Che in Colombia ci fossero i forni crematoi poche persone se lo aspettano. E’ Jesus Abad Colorado a raccontarlo con le sue foto, quasi 500 bianconeri distribuiti nelle quattro grandi sale del Chiostro de San Augustin, all’Universidad Nacional di Bogotà che sono l’opera della sua vita di fotogiornalista: “EL TESTIGO. Memorias del conflicto armado colombiano” raccoglie parte della produzione fotografica di Abad in una mostra lacerante e necessaria, che racconta volutamente senza sconti, la storia violenta della Colombia.
Chocò, Turbo, San Josè de Apartadò, Cacarica, Medellin; foto dei paramiltari in Catatumbo negli anni Novanta, delle FARC- le Forze Armate Rivoluzionarie della Colombia – mentre depongono le armi nel 2016, di ragazzini di sedici anni già soldati dell’ELN – Esercito di liberazione Nazionale, l’altro esercito guerrigliero colombiano. Dei funerali, delle morti. Le madri e i padri, le sorelle, i fratelli, i figli, con le immagini dei propri desparaecidos fra le mani, chiedendo giustizia, una data, un luogo.
E anche di forni crematoi, appunto : quelli trovati e fotografati dal reporter colombiano – vincitore del Premio Excelencia 2019 – nella selva, dove i paracos -i paramilitari – bruciavano i resti di coloro che avevano torturato ed assassinato.

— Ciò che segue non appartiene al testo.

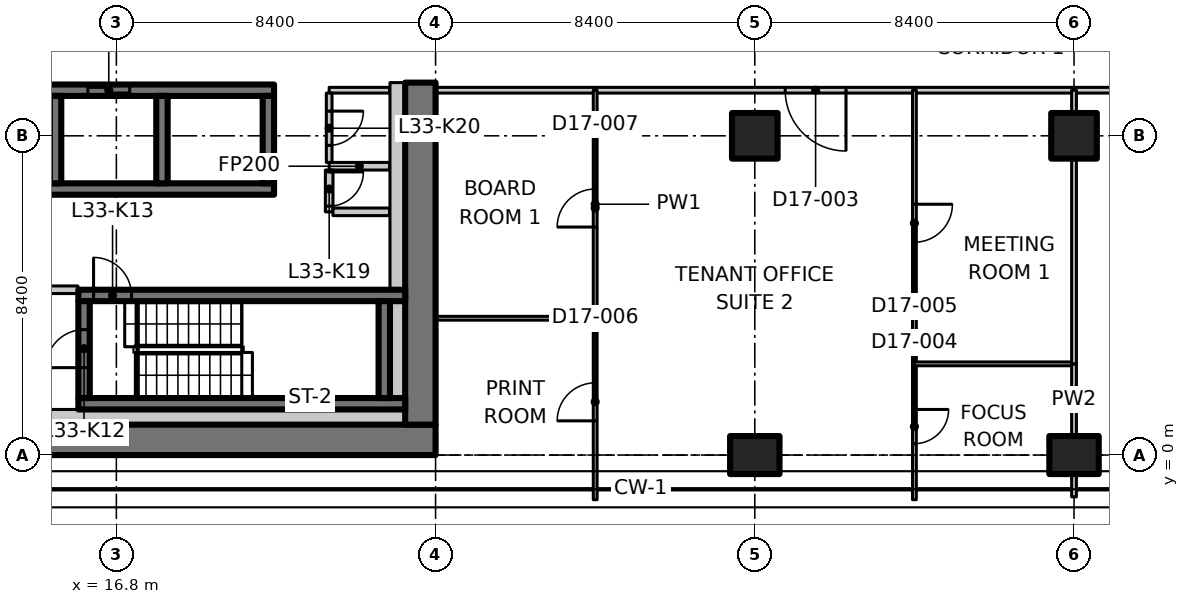
"""IFC4 building model, lengths in metres.
Left out: names, types, materials, properties, quantities, classifications, styles, units other than length and angle.
Written with IfcOpenShell. Run it as: python <this file> out.ifc"""

import sys

from ifc_helpers import new_model, si_unit, direction, frame, frame_2d, origin, origin_2d, place, context, subcontext, project, spatial, polyline, rectangle, outline, extrude, element, fill, save


model = new_model("IFC4")
c1 = context("Model", 3, precision=1e-05, world=origin(), true_north=direction((0.0, 1.0)))
c2 = subcontext(c1, "Body", "Model", "MODEL_VIEW")
j1 = project(units=[si_unit("LENGTHUNIT", "METRE"), si_unit("PLANEANGLEUNIT", "RADIAN")], contexts=[c1])
p1 = place(None, origin())
s1 = spatial("IfcSite", under=j1, at=p1, CompositionType="ELEMENT")
p2 = place(p1, origin())
s2 = spatial("IfcBuilding", under=s1, at=p2, CompositionType="ELEMENT")
p3 = place(p2, frame((0.0, 0.0, 134.9)))
s3 = spatial("IfcBuildingStorey", under=s2, at=p3, CompositionType="ELEMENT", Elevation=134.9)
p4 = place(p3, frame((33.6, 0.0, 0.0), z_axis=(0.0, 0.0, 1.0), x_axis=(0.0, 1.0, 0.0)))
e1 = element("IfcColumn", 1, at=p4, inside=s3, PredefinedType="COLUMN", context=c2, shape_type="SweptSolid", body=[
    extrude(rectangle(XDim=1.0, YDim=1.3, at=origin_2d()), origin(), (0.0, 0.0, 1.0), 3.35),
])
p5 = place(p3, frame((33.6, 8.4, 0.0), z_axis=(0.0, 0.0, 1.0), x_axis=(1.0, 0.0, 0.0)))
e2 = element("IfcColumn", 2, at=p5, inside=s3, PredefinedType="COLUMN", context=c2, shape_type="SweptSolid", body=[
    extrude(rectangle(XDim=1.2, YDim=1.2, at=origin_2d()), origin(), (0.0, 0.0, 1.0), 3.35),
])
p6 = place(p3, frame((42.0, 0.0, 0.0), z_axis=(0.0, 0.0, 1.0), x_axis=(0.0, 1.0, 0.0)))
e3 = element("IfcColumn", 3, at=p6, inside=s3, PredefinedType="COLUMN", context=c2, shape_type="SweptSolid", body=[
    extrude(rectangle(XDim=1.0, YDim=1.3, at=origin_2d()), origin(), (0.0, 0.0, 1.0), 3.35),
])
p7 = place(p3, frame((42.0, 8.4, 0.0), z_axis=(0.0, 0.0, 1.0), x_axis=(1.0, 0.0, 0.0)))
e4 = element("IfcColumn", 4, at=p7, inside=s3, PredefinedType="COLUMN", context=c2, shape_type="SweptSolid", body=[
    extrude(rectangle(XDim=1.2, YDim=1.2, at=origin_2d()), origin(), (0.0, 0.0, 1.0), 3.35),
])
p8 = place(p3, frame((7.136, 0.4, 0.0), z_axis=(0.0, 0.0, 1.0), x_axis=(1.0, 0.0, 0.0)))
e5 = element("IfcWall", 5, at=p8, inside=s3, PredefinedType="SHEAR", context=c2, shape_type="SweptSolid", body=[
    extrude(rectangle(XDim=18.063, YDim=0.8, at=frame_2d((9.032, 0.0))), origin(), (0.0, 0.0, 1.0), 3.35),
])
p9 = place(p3, frame((24.8, 0.8, 0.0), z_axis=(0.0, 0.0, 1.0), x_axis=(0.0, 1.0, 0.0)))
e6 = element("IfcWall", 6, at=p9, inside=s3, PredefinedType="SHEAR", context=c2, shape_type="SweptSolid", body=[
    extrude(rectangle(XDim=9.0, YDim=0.8, at=frame_2d((4.5, 0.0))), origin(), (0.0, 0.0, 1.0), 3.35),
])
p10 = place(p3, frame((0.8, 7.0, 0.0), z_axis=(0.0, 0.0, 1.0), x_axis=(1.0, 0.0, 0.0)))
e7 = element("IfcWall", 7, at=p10, inside=s3, PredefinedType="SHEAR", context=c2, shape_type="SweptSolid", body=[
    extrude(rectangle(XDim=20.15, YDim=0.3, at=frame_2d((10.075, 0.0))), origin(), (0.0, 0.0, 1.0), 3.35),
])
p11 = place(p3, frame((0.8, 9.6, 0.0), z_axis=(0.0, 0.0, 1.0), x_axis=(1.0, 0.0, 0.0)))
e8 = element("IfcWall", 8, at=p11, inside=s3, PredefinedType="SHEAR", context=c2, shape_type="SweptSolid", body=[
    extrude(rectangle(XDim=20.15, YDim=0.3, at=frame_2d((10.075, 0.0))), origin(), (0.0, 0.0, 1.0), 3.35),
])
p12 = place(p11, frame((1.25, 0.0, 0.0)))
e9 = element("IfcOpeningElement", 9, at=p12, cuts=e8, PredefinedType="OPENING", context=c2, shape_type="SweptSolid", body=[
    extrude(rectangle(XDim=1.1, YDim=2.3, at=frame_2d((0.55, 1.15))), frame((0.0, 0.16, 0.0), z_axis=(0.0, -1.0, 0.0), x_axis=(1.0, 0.0, 0.0)), (0.0, 0.0, 1.0), 0.32),
])
p13 = place(p11, frame((4.05, 0.0, 0.0)))
e10 = element("IfcOpeningElement", 10, at=p13, cuts=e8, PredefinedType="OPENING", context=c2, shape_type="SweptSolid", body=[
    extrude(rectangle(XDim=1.1, YDim=2.3, at=frame_2d((0.55, 1.15))), frame((0.0, 0.16, 0.0), z_axis=(0.0, -1.0, 0.0), x_axis=(1.0, 0.0, 0.0)), (0.0, 0.0, 1.0), 0.32),
])
p14 = place(p11, frame((6.85, 0.0, 0.0)))
e11 = element("IfcOpeningElement", 11, at=p14, cuts=e8, PredefinedType="OPENING", context=c2, shape_type="SweptSolid", body=[
    extrude(rectangle(XDim=1.1, YDim=2.3, at=frame_2d((0.55, 1.15))), frame((0.0, 0.16, 0.0), z_axis=(0.0, -1.0, 0.0), x_axis=(1.0, 0.0, 0.0)), (0.0, 0.0, 1.0), 0.32),
])
p15 = place(p11, frame((9.65, 0.0, 0.0)))
e12 = element("IfcOpeningElement", 12, at=p15, cuts=e8, PredefinedType="OPENING", context=c2, shape_type="SweptSolid", body=[
    extrude(rectangle(XDim=1.1, YDim=2.3, at=frame_2d((0.55, 1.15))), frame((0.0, 0.16, 0.0), z_axis=(0.0, -1.0, 0.0), x_axis=(1.0, 0.0, 0.0)), (0.0, 0.0, 1.0), 0.32),
])
p16 = place(p11, frame((12.45, 0.0, 0.0)))
e13 = element("IfcOpeningElement", 13, at=p16, cuts=e8, PredefinedType="OPENING", context=c2, shape_type="SweptSolid", body=[
    extrude(rectangle(XDim=1.1, YDim=2.3, at=frame_2d((0.55, 1.15))), frame((0.0, 0.16, 0.0), z_axis=(0.0, -1.0, 0.0), x_axis=(1.0, 0.0, 0.0)), (0.0, 0.0, 1.0), 0.32),
])
p17 = place(p11, frame((15.25, 0.0, 0.0)))
e14 = element("IfcOpeningElement", 14, at=p17, cuts=e8, PredefinedType="OPENING", context=c2, shape_type="SweptSolid", body=[
    extrude(rectangle(XDim=1.1, YDim=2.3, at=frame_2d((0.55, 1.15))), frame((0.0, 0.16, 0.0), z_axis=(0.0, -1.0, 0.0), x_axis=(1.0, 0.0, 0.0)), (0.0, 0.0, 1.0), 0.32),
])
for number, where, z_axis, x_axis in (
    (15, (15.2, 7.15, 0.0), (0.0, 0.0, 1.0), (0.0, 1.0, 0.0)),
    (16, (18.0, 7.15, 0.0), (0.0, 0.0, 1.0), (0.0, 1.0, 0.0)),
    (17, (20.8, 7.15, 0.0), (0.0, 0.0, 1.0), (0.0, 1.0, 0.0)),
):
    element("IfcWall", number, at=place(p3, frame(where, z_axis=z_axis, x_axis=x_axis)), inside=s3, PredefinedType="SHEAR", context=c2, shape_type="SweptSolid", body=[
        extrude(rectangle(XDim=2.3, YDim=0.3, at=frame_2d((1.15, 0.0))), origin(), (0.0, 0.0, 1.0), 3.35),
    ])
p18 = place(p3, frame((15.8, 1.35, 0.0), z_axis=(0.0, 0.0, 1.0), x_axis=(1.0, 0.0, 0.0)))
e18 = element("IfcWall", 18, at=p18, inside=s3, PredefinedType="SHEAR", context=c2, shape_type="SweptSolid", body=[
    extrude(rectangle(XDim=8.6, YDim=0.3, at=frame_2d((4.3, 0.0))), origin(), (0.0, 0.0, 1.0), 3.35),
])
p19 = place(p3, frame((15.8, 4.2, 0.0), z_axis=(0.0, 0.0, 1.0), x_axis=(1.0, 0.0, 0.0)))
e19 = element("IfcWall", 19, at=p19, inside=s3, PredefinedType="SHEAR", context=c2, shape_type="SweptSolid", body=[
    extrude(rectangle(XDim=8.6, YDim=0.3, at=frame_2d((4.3, 0.0))), origin(), (0.0, 0.0, 1.0), 3.35),
])
p20 = place(p19, frame((0.4, 0.0, 0.0)))
e20 = element("IfcOpeningElement", 20, at=p20, cuts=e19, PredefinedType="OPENING", context=c2, shape_type="SweptSolid", body=[
    extrude(rectangle(XDim=1.0, YDim=2.1, at=frame_2d((0.5, 1.05))), frame((0.0, 0.16, 0.0), z_axis=(0.0, -1.0, 0.0), x_axis=(1.0, 0.0, 0.0)), (0.0, 0.0, 1.0), 0.32),
])
p21 = place(p3, frame((15.95, 1.5, 0.0), z_axis=(0.0, 0.0, 1.0), x_axis=(0.0, 1.0, 0.0)))
e21 = element("IfcWall", 21, at=p21, inside=s3, PredefinedType="SHEAR", context=c2, shape_type="SweptSolid", body=[
    extrude(rectangle(XDim=2.55, YDim=0.3, at=frame_2d((1.275, 0.0))), origin(), (0.0, 0.0, 1.0), 3.35),
])
p22 = place(p21, frame((0.8, 0.0, 0.0)))
e22 = element("IfcOpeningElement", 22, at=p22, cuts=e21, PredefinedType="OPENING", context=c2, shape_type="SweptSolid", body=[
    extrude(rectangle(XDim=1.0, YDim=2.1, at=frame_2d((0.5, 1.05))), frame((0.0, 0.16, 0.0), z_axis=(0.0, -1.0, 0.0), x_axis=(1.0, 0.0, 0.0)), (0.0, 0.0, 1.0), 0.32),
])
p23 = place(p3, frame((23.85, 1.5, 0.0), z_axis=(0.0, 0.0, 1.0), x_axis=(0.0, 1.0, 0.0)))
e23 = element("IfcWall", 23, at=p23, inside=s3, PredefinedType="SHEAR", context=c2, shape_type="SweptSolid", body=[
    extrude(rectangle(XDim=2.55, YDim=0.3, at=frame_2d((1.275, 0.0))), origin(), (0.0, 0.0, 1.0), 3.35),
])
p24 = place(p3, frame((13.362, 4.35, 0.0), z_axis=(0.0, 0.0, 1.0), x_axis=(1.0, 0.0, 0.0)))
e24 = element("IfcWall", 24, at=p24, inside=s3, PredefinedType="PARTITIONING", context=c2, shape_type="SweptSolid", body=[
    extrude(rectangle(XDim=2.426, YDim=0.2, at=frame_2d((1.213, 0.0))), origin(), (0.0, 0.0, 1.0), 3.35),
])
p25 = place(p24, frame((0.638, 0.0, 0.0)))
e25 = element("IfcOpeningElement", 25, at=p25, cuts=e24, PredefinedType="OPENING", context=c2, shape_type="SweptSolid", body=[
    extrude(rectangle(XDim=1.0, YDim=2.1, at=frame_2d((0.5, 1.05))), frame((0.0, 0.11, 0.0), z_axis=(0.0, -1.0, 0.0), x_axis=(1.0, 0.0, 0.0)), (0.0, 0.0, 1.0), 0.22),
])
p26 = place(p3, frame((23.988, 7.6, 0.0), z_axis=(0.0, 0.0, 1.0), x_axis=(-1.0, 0.0, 0.0)))
e26 = element("IfcWall", 26, at=p26, inside=s3, PredefinedType="PARTITIONING", context=c2, shape_type="SweptSolid", body=[
    extrude(rectangle(XDim=1.588, YDim=0.2, at=frame_2d((0.794, 0.0))), origin(), (0.0, 0.0, 1.0), 3.35),
])
p27 = place(p3, frame((22.4, 7.5, 0.0), z_axis=(0.0, 0.0, 1.0), x_axis=(0.0, -1.0, 0.0)))
e27 = element("IfcWall", 27, at=p27, inside=s3, PredefinedType="PARTITIONING", context=c2, shape_type="SweptSolid", body=[
    extrude(rectangle(XDim=1.1, YDim=0.2, at=frame_2d((0.55, 0.0))), origin(), (0.0, 0.0, 1.0), 3.35),
])
p28 = place(p27, frame((0.05, 0.0, 0.0)))
e28 = element("IfcOpeningElement", 28, at=p28, cuts=e27, PredefinedType="OPENING", context=c2, shape_type="SweptSolid", body=[
    extrude(rectangle(XDim=0.9, YDim=2.1, at=frame_2d((0.45, 1.05))), frame((0.0, 0.11, 0.0), z_axis=(0.0, -1.0, 0.0), x_axis=(1.0, 0.0, 0.0)), (0.0, 0.0, 1.0), 0.22),
])
p29 = place(p3, frame((22.5, 6.4, 0.0), z_axis=(0.0, 0.0, 1.0), x_axis=(1.0, 0.0, 0.0)))
e29 = element("IfcWall", 29, at=p29, inside=s3, PredefinedType="PARTITIONING", context=c2, shape_type="SweptSolid", body=[
    extrude(rectangle(XDim=1.488, YDim=0.2, at=frame_2d((0.744, 0.0))), origin(), (0.0, 0.0, 1.0), 3.35),
])
p30 = place(p3, frame((23.988, 9.6, 0.0), z_axis=(0.0, 0.0, 1.0), x_axis=(-1.0, 0.0, 0.0)))
e30 = element("IfcWall", 30, at=p30, inside=s3, PredefinedType="PARTITIONING", context=c2, shape_type="SweptSolid", body=[
    extrude(rectangle(XDim=1.588, YDim=0.15, at=frame_2d((0.794, 0.0))), origin(), (0.0, 0.0, 1.0), 3.35),
])
p31 = place(p3, frame((22.4, 9.525, 0.0), z_axis=(0.0, 0.0, 1.0), x_axis=(0.0, -1.0, 0.0)))
e31 = element("IfcWall", 31, at=p31, inside=s3, PredefinedType="PARTITIONING", context=c2, shape_type="SweptSolid", body=[
    extrude(rectangle(XDim=1.825, YDim=0.15, at=frame_2d((0.913, 0.0))), origin(), (0.0, 0.0, 1.0), 3.35),
])
p32 = place(p31, frame((0.475, 0.0, 0.0)))
e32 = element("IfcOpeningElement", 32, at=p32, cuts=e31, PredefinedType="OPENING", context=c2, shape_type="SweptSolid", body=[
    extrude(rectangle(XDim=0.9, YDim=2.1, at=frame_2d((0.45, 1.05))), frame((0.0, 0.085, 0.0), z_axis=(0.0, -1.0, 0.0), x_axis=(1.0, 0.0, 0.0)), (0.0, 0.0, 1.0), 0.17),
])
p33 = place(p3, frame((13.35, 1.0, 0.0), z_axis=(0.0, 0.0, 1.0), x_axis=(1.0, 0.0, 0.0)))
e33 = element("IfcWall", 33, at=p33, inside=s3, PredefinedType="PARTITIONING", context=c2, shape_type="SweptSolid", body=[
    extrude(rectangle(XDim=11.05, YDim=0.4, at=frame_2d((5.525, 0.0))), origin(), (0.0, 0.0, 1.0), 3.35),
])
p34 = place(p3, frame((24.2, 1.5, 0.0), z_axis=(0.0, 0.0, 1.0), x_axis=(0.0, 1.0, 0.0)))
e34 = element("IfcWall", 34, at=p34, inside=s3, PredefinedType="PARTITIONING", context=c2, shape_type="SweptSolid", body=[
    extrude(rectangle(XDim=2.55, YDim=0.4, at=frame_2d((1.275, 0.0))), origin(), (0.0, 0.0, 1.0), 3.35),
])
p35 = place(p3, frame((24.2, 4.35, 0.0), z_axis=(0.0, 0.0, 1.0), x_axis=(0.0, 1.0, 0.0)))
e35 = element("IfcWall", 35, at=p35, inside=s3, PredefinedType="PARTITIONING", context=c2, shape_type="SweptSolid", body=[
    extrude(rectangle(XDim=5.45, YDim=0.4, at=frame_2d((2.725, 0.0))), origin(), (0.0, 0.0, 1.0), 3.35),
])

A Bogotà piove quando andiamo a visitare la mostra, che doveva durare qualche mese ed è già due anni che campeggia nel chiostro coloniale fra il Palacio de Nariño e a pochi passi dal Capitolio Nacional, ed è stata prolungata ancora. La foschia densa del cielo basso, nella capitale colombiana a quasi tremila metri sul livello del mare, si mescola con le sfumature di grigio e i neri potenti delle fotografie appese. E’ come un grido che cammina per i corridoi, ti entra sotto la pelle e ti cambia – ven, siembra tu raices a mi lado/ yo soy el arbol plantado junto al rio/que nadie moverà (vieni, semina le tue radici accanto a me, io sono l’albero piantato lungo il fiume che nessuno muoverà) – le poesie scritte sui muri allargano lo spazio delle immagini e fanno respirare per un momento. Ci sono anche le parole di Jesus Abbas, che non sono didascalie, ma ricordi: “Quando questa donna, piangendo in un funerale, mi ha chiesto di non fotografarla, ho abbassato la macchina. Ma poi l’ho fotografata spiegandole: lo devo fare. Pensa le immagini del Vietnam, o dei campi di concentramento nazisti. Se non ci fossero state, questi fatti verrebbero negati da qualcuno”, si legge sotto la foto del volto lucido di dolore di una donna afro del Chocò.
E la sua narrazione per immagini sfiora anche la sua personale biografia, con le fotografie dei suoi nonni – ammazzati negli anni Sessanta – e dei genitori, che dovettero scappare a Medellin e poi nel Magdalena Medio, inseguiti come molti, dalla cieca violenza del conflitto armato più longevo dell’America latina.
E’ la verità, quella che scorre sulle pareti del chiostro, resa vorace e indifendibile dall’assenza del colore – una forma di rispetto verso il dolore. Perchè le cifre impressionanti della tragedia umana colombiana – quasi 300.000 vittime nel conflitto, 8 milioni di sfollati, 89.000 desaparecidos, 15.738 donne e bambine stuprate ( ma sono numeri al ribasso) – vengono ancora oggi occultate e manipolate da una retorica indegna che nega ancora il genocidio in corso contro lideres sociali, attivisti, indigeni, donne, che si stanno opponendo alla guerra interna, che sta vivendo una nuova tappa di violenza e caos dalla firma dell’accordo di pace, nel 2016.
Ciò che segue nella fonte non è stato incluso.